Тем временем Рим вернулся к видимости обманчивого мира и покоя. Храм Согласия сиял своей свежей мраморной облицовкой. Патриции и обыватели хотя и ненадежно, но сохранили общественные приличия. Однако, несмотря на смерть Гракха, его закон был хорош в одном важном аспекте: суды оставались в руках группы амбициозных предпринимателей. Хотя нечего было надеяться на то, что они не станут пользоваться своей властью себе на пользу. В конце концов, перед глазами у них пример сената.

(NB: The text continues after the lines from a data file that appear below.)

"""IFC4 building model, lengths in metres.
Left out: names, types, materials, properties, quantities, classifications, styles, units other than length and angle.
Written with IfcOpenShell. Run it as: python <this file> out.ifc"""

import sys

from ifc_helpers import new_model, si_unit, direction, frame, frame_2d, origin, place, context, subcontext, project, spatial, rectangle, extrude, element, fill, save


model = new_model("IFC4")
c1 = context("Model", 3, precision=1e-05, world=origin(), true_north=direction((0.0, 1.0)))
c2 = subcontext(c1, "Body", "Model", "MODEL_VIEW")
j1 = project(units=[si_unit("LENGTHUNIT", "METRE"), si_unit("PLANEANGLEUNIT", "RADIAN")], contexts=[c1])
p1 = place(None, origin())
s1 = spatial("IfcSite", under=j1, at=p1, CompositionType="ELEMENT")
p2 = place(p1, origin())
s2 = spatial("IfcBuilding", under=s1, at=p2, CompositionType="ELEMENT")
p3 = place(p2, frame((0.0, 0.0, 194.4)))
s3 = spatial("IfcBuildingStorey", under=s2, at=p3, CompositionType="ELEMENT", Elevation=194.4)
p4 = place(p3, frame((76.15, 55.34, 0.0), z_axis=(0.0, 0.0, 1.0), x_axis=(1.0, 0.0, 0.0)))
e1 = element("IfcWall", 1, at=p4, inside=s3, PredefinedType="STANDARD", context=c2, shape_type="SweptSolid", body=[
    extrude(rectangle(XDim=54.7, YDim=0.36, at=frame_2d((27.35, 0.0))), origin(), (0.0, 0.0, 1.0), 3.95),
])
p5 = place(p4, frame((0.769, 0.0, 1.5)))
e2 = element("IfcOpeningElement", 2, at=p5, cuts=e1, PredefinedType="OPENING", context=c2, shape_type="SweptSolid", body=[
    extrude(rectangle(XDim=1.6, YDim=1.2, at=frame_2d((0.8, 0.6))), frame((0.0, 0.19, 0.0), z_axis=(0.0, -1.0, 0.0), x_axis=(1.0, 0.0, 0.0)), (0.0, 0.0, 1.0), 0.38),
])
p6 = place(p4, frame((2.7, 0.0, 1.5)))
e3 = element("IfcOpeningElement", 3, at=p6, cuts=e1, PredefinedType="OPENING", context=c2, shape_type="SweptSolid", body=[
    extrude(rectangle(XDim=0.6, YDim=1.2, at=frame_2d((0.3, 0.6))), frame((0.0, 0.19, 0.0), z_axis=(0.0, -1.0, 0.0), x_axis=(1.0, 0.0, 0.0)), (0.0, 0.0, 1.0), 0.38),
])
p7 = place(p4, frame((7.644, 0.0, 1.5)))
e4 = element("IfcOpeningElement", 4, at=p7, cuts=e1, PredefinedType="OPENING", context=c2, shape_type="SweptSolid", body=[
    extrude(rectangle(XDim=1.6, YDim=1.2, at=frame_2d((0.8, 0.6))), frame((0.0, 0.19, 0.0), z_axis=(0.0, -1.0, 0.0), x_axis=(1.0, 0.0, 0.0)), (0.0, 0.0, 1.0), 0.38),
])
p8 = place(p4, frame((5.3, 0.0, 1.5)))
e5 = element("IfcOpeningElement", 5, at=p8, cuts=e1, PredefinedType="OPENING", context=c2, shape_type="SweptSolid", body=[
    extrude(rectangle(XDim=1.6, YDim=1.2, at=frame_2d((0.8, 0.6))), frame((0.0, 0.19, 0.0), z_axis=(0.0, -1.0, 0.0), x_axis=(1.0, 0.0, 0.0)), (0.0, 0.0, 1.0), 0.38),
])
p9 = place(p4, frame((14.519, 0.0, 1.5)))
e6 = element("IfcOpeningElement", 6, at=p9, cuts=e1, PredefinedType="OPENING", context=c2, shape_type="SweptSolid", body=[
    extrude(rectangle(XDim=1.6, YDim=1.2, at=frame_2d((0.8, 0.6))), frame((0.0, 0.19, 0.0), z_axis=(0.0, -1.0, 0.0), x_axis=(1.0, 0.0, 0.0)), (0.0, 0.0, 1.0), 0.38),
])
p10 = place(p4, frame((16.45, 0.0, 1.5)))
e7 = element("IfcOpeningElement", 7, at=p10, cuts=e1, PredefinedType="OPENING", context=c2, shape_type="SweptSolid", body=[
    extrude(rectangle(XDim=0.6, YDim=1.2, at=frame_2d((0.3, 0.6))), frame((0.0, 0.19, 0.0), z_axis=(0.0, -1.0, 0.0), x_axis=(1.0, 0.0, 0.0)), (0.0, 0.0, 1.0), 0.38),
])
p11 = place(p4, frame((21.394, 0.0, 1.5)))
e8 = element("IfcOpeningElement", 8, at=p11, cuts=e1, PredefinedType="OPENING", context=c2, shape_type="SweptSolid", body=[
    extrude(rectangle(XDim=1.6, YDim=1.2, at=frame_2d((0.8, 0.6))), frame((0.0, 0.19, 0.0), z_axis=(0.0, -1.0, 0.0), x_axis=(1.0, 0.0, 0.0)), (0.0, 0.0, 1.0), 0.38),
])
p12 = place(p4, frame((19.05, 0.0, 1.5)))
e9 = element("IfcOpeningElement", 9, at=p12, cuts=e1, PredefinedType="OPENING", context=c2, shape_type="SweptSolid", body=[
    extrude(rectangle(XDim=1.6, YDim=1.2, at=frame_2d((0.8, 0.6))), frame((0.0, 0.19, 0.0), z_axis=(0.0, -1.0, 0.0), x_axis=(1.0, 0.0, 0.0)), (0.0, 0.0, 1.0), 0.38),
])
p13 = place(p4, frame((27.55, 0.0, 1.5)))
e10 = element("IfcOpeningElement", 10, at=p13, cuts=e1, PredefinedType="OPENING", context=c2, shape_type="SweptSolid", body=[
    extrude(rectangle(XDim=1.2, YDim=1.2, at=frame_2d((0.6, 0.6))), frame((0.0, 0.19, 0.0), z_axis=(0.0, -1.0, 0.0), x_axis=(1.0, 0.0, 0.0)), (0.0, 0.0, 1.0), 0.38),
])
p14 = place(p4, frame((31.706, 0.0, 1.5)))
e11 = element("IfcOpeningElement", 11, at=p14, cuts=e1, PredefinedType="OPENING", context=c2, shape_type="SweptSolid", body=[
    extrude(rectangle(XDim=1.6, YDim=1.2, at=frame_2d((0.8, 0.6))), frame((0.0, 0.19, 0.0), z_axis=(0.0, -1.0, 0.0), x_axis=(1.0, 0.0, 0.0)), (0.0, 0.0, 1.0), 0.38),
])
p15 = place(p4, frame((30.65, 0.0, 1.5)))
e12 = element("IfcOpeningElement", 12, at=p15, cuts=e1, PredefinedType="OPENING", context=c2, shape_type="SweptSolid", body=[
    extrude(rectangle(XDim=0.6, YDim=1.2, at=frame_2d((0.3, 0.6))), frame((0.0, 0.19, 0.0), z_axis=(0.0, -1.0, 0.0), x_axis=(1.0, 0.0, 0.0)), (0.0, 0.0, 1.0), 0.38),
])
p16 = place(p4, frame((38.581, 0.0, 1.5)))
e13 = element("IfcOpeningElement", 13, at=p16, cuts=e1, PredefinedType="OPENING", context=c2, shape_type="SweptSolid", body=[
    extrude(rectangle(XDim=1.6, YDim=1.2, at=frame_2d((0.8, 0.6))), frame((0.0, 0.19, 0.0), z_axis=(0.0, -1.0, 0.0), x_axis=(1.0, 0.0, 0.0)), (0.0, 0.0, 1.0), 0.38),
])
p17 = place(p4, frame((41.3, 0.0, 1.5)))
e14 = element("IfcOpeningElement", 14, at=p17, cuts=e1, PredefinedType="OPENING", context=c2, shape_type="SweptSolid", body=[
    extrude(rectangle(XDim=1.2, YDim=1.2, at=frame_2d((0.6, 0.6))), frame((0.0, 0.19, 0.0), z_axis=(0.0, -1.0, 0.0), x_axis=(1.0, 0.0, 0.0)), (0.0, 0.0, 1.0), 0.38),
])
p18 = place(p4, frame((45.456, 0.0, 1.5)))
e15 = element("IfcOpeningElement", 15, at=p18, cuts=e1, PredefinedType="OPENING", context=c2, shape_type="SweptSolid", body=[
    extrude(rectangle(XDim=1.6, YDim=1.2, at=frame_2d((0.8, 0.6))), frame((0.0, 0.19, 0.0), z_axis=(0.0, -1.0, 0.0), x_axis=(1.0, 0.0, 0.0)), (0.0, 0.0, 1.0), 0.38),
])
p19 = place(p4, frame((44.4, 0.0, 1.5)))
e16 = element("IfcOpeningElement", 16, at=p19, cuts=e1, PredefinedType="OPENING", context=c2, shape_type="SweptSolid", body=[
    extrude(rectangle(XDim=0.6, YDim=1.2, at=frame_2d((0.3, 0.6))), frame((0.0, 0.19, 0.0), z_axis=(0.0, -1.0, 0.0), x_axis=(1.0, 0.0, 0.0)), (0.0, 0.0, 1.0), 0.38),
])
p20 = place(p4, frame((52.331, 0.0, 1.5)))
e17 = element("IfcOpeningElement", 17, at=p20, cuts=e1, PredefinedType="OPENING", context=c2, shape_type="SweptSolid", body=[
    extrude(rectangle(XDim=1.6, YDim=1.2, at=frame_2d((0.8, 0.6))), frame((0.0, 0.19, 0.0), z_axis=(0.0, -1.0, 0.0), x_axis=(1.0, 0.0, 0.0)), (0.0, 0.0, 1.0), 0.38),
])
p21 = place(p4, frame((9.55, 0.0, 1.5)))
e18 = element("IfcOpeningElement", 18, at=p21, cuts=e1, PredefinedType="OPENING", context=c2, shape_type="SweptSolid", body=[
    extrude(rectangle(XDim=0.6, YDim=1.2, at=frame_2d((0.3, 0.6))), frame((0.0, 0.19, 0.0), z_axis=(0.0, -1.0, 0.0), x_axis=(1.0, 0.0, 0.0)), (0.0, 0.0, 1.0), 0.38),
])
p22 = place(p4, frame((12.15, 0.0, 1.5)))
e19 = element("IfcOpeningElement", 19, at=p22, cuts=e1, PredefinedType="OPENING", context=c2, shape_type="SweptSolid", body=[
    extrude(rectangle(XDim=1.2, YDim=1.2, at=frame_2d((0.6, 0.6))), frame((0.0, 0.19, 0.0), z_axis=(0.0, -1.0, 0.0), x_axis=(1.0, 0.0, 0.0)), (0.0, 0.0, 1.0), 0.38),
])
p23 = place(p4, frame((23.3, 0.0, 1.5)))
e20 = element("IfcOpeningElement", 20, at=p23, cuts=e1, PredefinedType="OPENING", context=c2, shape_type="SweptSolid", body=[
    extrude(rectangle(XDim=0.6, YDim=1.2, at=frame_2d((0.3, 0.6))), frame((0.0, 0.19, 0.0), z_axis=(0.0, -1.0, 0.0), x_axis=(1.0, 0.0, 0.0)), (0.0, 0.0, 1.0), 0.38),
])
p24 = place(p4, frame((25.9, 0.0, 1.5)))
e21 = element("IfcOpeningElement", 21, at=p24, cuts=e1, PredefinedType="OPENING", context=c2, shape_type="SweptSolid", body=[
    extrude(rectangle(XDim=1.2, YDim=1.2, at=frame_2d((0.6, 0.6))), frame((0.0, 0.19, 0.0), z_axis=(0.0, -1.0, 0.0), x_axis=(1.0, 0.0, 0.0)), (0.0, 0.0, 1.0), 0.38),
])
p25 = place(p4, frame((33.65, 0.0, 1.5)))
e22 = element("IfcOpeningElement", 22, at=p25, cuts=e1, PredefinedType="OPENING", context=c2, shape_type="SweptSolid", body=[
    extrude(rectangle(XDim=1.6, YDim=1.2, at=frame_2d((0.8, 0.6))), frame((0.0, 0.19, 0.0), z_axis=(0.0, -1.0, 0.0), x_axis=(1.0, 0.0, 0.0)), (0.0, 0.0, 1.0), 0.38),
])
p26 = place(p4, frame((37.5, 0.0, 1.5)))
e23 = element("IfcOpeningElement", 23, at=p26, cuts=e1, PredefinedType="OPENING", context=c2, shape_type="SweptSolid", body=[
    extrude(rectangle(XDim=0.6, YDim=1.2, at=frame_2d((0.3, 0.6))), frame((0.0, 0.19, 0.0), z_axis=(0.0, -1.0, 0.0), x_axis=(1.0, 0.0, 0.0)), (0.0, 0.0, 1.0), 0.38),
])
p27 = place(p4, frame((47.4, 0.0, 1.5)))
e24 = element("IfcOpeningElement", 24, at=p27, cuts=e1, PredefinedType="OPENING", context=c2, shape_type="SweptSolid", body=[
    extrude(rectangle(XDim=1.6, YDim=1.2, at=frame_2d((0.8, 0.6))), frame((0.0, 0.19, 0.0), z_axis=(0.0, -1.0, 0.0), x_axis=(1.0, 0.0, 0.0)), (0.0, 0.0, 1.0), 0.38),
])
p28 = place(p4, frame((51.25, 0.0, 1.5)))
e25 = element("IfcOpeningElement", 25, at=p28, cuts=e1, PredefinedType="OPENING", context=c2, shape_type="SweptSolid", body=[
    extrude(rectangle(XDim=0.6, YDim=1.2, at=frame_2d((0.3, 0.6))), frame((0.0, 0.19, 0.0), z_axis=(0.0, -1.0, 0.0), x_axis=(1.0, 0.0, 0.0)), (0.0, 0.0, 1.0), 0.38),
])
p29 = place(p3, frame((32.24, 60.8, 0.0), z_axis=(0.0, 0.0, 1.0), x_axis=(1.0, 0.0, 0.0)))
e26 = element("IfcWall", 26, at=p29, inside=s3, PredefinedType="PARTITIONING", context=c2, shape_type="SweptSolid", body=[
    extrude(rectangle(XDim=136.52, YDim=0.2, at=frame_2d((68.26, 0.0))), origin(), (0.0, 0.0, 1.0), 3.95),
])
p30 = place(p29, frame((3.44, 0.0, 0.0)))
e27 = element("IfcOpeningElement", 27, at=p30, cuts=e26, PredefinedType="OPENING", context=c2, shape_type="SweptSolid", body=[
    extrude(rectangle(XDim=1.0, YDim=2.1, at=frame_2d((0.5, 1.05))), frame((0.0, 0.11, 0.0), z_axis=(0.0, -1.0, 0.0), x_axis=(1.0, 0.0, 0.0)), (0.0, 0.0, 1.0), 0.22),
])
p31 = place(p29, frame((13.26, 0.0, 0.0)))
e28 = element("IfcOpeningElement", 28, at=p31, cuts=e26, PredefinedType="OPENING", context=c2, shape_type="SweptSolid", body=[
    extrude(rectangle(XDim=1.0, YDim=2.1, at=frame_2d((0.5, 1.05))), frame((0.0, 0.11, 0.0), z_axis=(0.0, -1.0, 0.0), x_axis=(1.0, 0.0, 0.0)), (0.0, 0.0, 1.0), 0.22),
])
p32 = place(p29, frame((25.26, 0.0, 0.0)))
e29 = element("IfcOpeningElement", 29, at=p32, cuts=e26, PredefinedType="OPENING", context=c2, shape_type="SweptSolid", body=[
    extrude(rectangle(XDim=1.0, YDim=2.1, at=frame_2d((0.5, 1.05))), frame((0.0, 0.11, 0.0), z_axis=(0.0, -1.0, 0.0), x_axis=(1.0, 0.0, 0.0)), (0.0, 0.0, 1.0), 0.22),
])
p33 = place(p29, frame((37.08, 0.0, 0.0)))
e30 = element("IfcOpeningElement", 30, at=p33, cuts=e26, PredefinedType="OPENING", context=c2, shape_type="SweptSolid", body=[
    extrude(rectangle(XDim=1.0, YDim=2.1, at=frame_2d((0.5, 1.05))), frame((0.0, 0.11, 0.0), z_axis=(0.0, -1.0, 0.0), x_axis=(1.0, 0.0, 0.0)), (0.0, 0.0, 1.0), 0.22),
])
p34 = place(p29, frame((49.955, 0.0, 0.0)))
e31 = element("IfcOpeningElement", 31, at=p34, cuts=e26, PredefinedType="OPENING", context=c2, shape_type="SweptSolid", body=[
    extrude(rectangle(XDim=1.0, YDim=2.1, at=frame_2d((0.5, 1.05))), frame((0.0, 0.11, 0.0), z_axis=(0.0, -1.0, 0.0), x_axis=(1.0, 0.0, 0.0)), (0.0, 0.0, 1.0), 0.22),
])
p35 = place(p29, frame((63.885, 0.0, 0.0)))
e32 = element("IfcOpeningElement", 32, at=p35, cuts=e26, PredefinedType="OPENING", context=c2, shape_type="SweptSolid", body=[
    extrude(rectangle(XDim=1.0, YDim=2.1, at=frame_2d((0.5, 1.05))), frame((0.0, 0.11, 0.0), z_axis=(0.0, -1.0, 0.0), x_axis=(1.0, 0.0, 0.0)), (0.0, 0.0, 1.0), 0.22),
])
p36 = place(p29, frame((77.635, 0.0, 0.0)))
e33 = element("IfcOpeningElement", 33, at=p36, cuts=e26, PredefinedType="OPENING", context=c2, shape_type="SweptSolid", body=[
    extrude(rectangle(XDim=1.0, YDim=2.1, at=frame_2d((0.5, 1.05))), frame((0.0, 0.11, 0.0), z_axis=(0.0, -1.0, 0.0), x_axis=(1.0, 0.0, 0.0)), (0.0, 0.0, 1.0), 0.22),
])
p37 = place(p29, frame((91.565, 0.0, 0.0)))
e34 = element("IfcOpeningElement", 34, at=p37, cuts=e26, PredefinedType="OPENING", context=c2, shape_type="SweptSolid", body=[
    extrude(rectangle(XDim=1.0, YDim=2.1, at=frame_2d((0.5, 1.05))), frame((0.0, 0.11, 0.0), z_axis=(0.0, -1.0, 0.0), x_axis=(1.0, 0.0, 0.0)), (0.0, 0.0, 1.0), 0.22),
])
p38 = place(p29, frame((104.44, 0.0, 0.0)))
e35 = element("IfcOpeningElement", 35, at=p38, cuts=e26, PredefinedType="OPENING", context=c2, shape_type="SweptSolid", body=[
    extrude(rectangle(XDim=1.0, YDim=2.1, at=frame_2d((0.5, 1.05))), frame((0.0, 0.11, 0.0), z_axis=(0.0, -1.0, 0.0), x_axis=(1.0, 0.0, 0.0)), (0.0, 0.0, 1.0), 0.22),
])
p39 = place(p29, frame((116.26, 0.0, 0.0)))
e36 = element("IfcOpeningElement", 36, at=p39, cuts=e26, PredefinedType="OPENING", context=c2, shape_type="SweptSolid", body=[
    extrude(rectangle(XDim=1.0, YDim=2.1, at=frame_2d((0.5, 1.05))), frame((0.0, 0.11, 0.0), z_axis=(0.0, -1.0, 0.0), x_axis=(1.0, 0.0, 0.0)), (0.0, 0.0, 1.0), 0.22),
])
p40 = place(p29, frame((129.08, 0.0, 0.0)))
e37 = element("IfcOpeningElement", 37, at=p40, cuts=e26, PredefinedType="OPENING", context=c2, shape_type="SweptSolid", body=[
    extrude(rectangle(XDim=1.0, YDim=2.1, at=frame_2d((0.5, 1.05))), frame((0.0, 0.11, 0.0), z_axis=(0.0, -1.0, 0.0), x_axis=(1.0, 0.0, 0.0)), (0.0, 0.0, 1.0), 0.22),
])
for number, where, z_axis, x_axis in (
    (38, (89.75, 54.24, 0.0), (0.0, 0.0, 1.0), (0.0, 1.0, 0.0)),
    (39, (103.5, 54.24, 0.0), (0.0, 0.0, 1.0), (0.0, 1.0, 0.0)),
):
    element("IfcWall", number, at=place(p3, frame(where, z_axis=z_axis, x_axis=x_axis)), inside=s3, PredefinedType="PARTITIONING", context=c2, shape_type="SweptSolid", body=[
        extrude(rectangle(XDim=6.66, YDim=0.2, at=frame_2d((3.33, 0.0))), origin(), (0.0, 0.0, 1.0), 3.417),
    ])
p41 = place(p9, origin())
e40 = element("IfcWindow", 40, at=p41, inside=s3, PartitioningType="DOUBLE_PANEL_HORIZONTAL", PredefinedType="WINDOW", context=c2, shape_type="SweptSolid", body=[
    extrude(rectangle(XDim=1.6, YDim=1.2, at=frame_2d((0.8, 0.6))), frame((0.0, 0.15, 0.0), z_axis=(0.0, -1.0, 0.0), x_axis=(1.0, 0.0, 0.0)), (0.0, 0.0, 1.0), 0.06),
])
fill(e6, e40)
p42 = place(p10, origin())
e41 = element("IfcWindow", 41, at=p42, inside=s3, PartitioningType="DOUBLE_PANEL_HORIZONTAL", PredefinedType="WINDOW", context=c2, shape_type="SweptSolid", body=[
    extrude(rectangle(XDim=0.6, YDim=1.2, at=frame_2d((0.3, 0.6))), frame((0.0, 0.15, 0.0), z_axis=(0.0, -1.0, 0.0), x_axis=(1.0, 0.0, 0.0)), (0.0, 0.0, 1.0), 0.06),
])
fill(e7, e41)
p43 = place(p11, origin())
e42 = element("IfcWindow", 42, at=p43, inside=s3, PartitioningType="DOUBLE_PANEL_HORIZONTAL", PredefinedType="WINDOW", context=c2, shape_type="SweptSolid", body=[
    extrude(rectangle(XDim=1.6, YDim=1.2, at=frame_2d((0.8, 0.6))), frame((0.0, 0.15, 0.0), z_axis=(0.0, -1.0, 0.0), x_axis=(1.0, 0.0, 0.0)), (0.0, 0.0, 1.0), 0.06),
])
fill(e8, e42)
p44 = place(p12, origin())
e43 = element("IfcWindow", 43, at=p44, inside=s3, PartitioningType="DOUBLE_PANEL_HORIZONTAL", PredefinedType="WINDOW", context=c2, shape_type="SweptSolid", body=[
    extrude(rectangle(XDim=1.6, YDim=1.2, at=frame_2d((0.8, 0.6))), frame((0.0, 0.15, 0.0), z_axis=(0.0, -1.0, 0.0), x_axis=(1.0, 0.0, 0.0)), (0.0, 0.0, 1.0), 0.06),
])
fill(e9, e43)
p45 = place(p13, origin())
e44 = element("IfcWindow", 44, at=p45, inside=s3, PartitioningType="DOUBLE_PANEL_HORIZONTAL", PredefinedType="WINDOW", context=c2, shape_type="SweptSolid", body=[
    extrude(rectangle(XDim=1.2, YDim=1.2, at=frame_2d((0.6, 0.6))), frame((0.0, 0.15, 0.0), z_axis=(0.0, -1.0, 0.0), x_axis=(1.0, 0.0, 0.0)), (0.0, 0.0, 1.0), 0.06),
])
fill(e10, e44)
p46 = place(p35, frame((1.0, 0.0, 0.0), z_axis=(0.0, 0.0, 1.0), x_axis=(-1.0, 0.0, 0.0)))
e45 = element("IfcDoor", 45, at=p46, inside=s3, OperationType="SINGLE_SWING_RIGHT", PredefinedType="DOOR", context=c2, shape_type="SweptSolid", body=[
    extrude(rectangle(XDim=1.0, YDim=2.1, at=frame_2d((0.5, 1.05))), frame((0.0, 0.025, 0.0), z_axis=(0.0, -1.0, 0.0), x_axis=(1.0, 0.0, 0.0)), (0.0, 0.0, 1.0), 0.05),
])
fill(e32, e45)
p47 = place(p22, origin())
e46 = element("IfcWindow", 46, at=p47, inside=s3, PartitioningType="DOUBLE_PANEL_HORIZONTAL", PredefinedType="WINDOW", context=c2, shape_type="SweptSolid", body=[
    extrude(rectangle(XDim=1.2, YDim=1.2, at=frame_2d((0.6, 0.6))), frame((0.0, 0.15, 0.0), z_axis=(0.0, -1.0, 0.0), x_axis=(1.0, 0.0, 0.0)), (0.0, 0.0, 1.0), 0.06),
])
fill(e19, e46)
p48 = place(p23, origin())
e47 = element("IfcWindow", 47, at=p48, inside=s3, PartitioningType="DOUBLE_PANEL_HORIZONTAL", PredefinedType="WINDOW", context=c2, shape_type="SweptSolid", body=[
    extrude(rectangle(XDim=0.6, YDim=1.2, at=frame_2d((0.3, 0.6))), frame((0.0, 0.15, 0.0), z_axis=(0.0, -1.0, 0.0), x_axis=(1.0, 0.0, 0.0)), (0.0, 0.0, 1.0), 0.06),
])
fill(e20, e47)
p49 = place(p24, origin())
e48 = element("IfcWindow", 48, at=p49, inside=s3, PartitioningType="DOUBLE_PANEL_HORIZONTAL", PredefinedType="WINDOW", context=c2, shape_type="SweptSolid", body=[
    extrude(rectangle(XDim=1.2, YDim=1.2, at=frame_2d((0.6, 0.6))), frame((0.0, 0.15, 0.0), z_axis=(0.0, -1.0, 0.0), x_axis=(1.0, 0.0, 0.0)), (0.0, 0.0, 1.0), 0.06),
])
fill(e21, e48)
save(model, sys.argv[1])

Когда мне было около восемнадцати, мой отец вновь получил наследство от какого-то дальнего родственника, и мы переехали в довольно сносный дом на улице Субура недалеко от Капуанских ворот. Впервые в жизни я освободился от привычного запаха бедности, который преследовал меня даже во снах. Однако ненависть моя к отцу ни в коей мере не уменьшилась. Он не сделал ровным счетом ничего: Фортуна коснулась его небрежным крылом, а он вел себя так, словно во всем этом была его заслуга — получая поздравления от тех друзей, которые еще остались ему верны, покупал новые тоги из тончайшей калабрийской шерсти и расхаживал по Форуму, где его нельзя было встретить в течение многих лет.
В день, когда мы устроились в нашем новом доме, я отправился в публичные бани в старой одежде, неся с собой греческую тунику, шерстяной плащ и мягкие замшевые сандалии, которые только что купил. Когда я разделся догола, то заплатил банщику, чтобы он избавил меня от этих мерзких отрепьев моей прежней жизни и сжег их в печке. Я попарился в парной, ощущая, как сходят грязь, мерзость и нечистоты моего прежнего «я». Омывшись в бассейне, я вверил себя по очереди рукам массажиста и цирюльника и наконец, выбритый и пахнущий благовониями, надел платье, что предназначалось мне по праву рождения, и вышел на свет Божий. На некоторое время я забыл о своем лице, но случайные быстрые удивленные взгляды прохожих вызвали во мне приступ гнева — гнева, а не стыда. Я ощупывал пальцами отменный запас монет в своем кошельке и впервые в жизни ощущал себя хозяином собственной судьбы. Специальная оговорка в завещании, обогатившем моего отца, касалась выделения мне отдельной суммы, не большой, но достаточной, чтобы прожить. И это было лишь начало.
Огибая Капитолийский холм, я вышел на Марсово поле[35] как раз в тот момент, когда театральное представление заканчивалось. Зрители шли, беседуя, мимо меня в направлении пивных заведений на Велабре. Мне пришлось прикрыть нос углом плаща, когда знакомый резкий запах пота и чеснока оскорбил мое обоняние.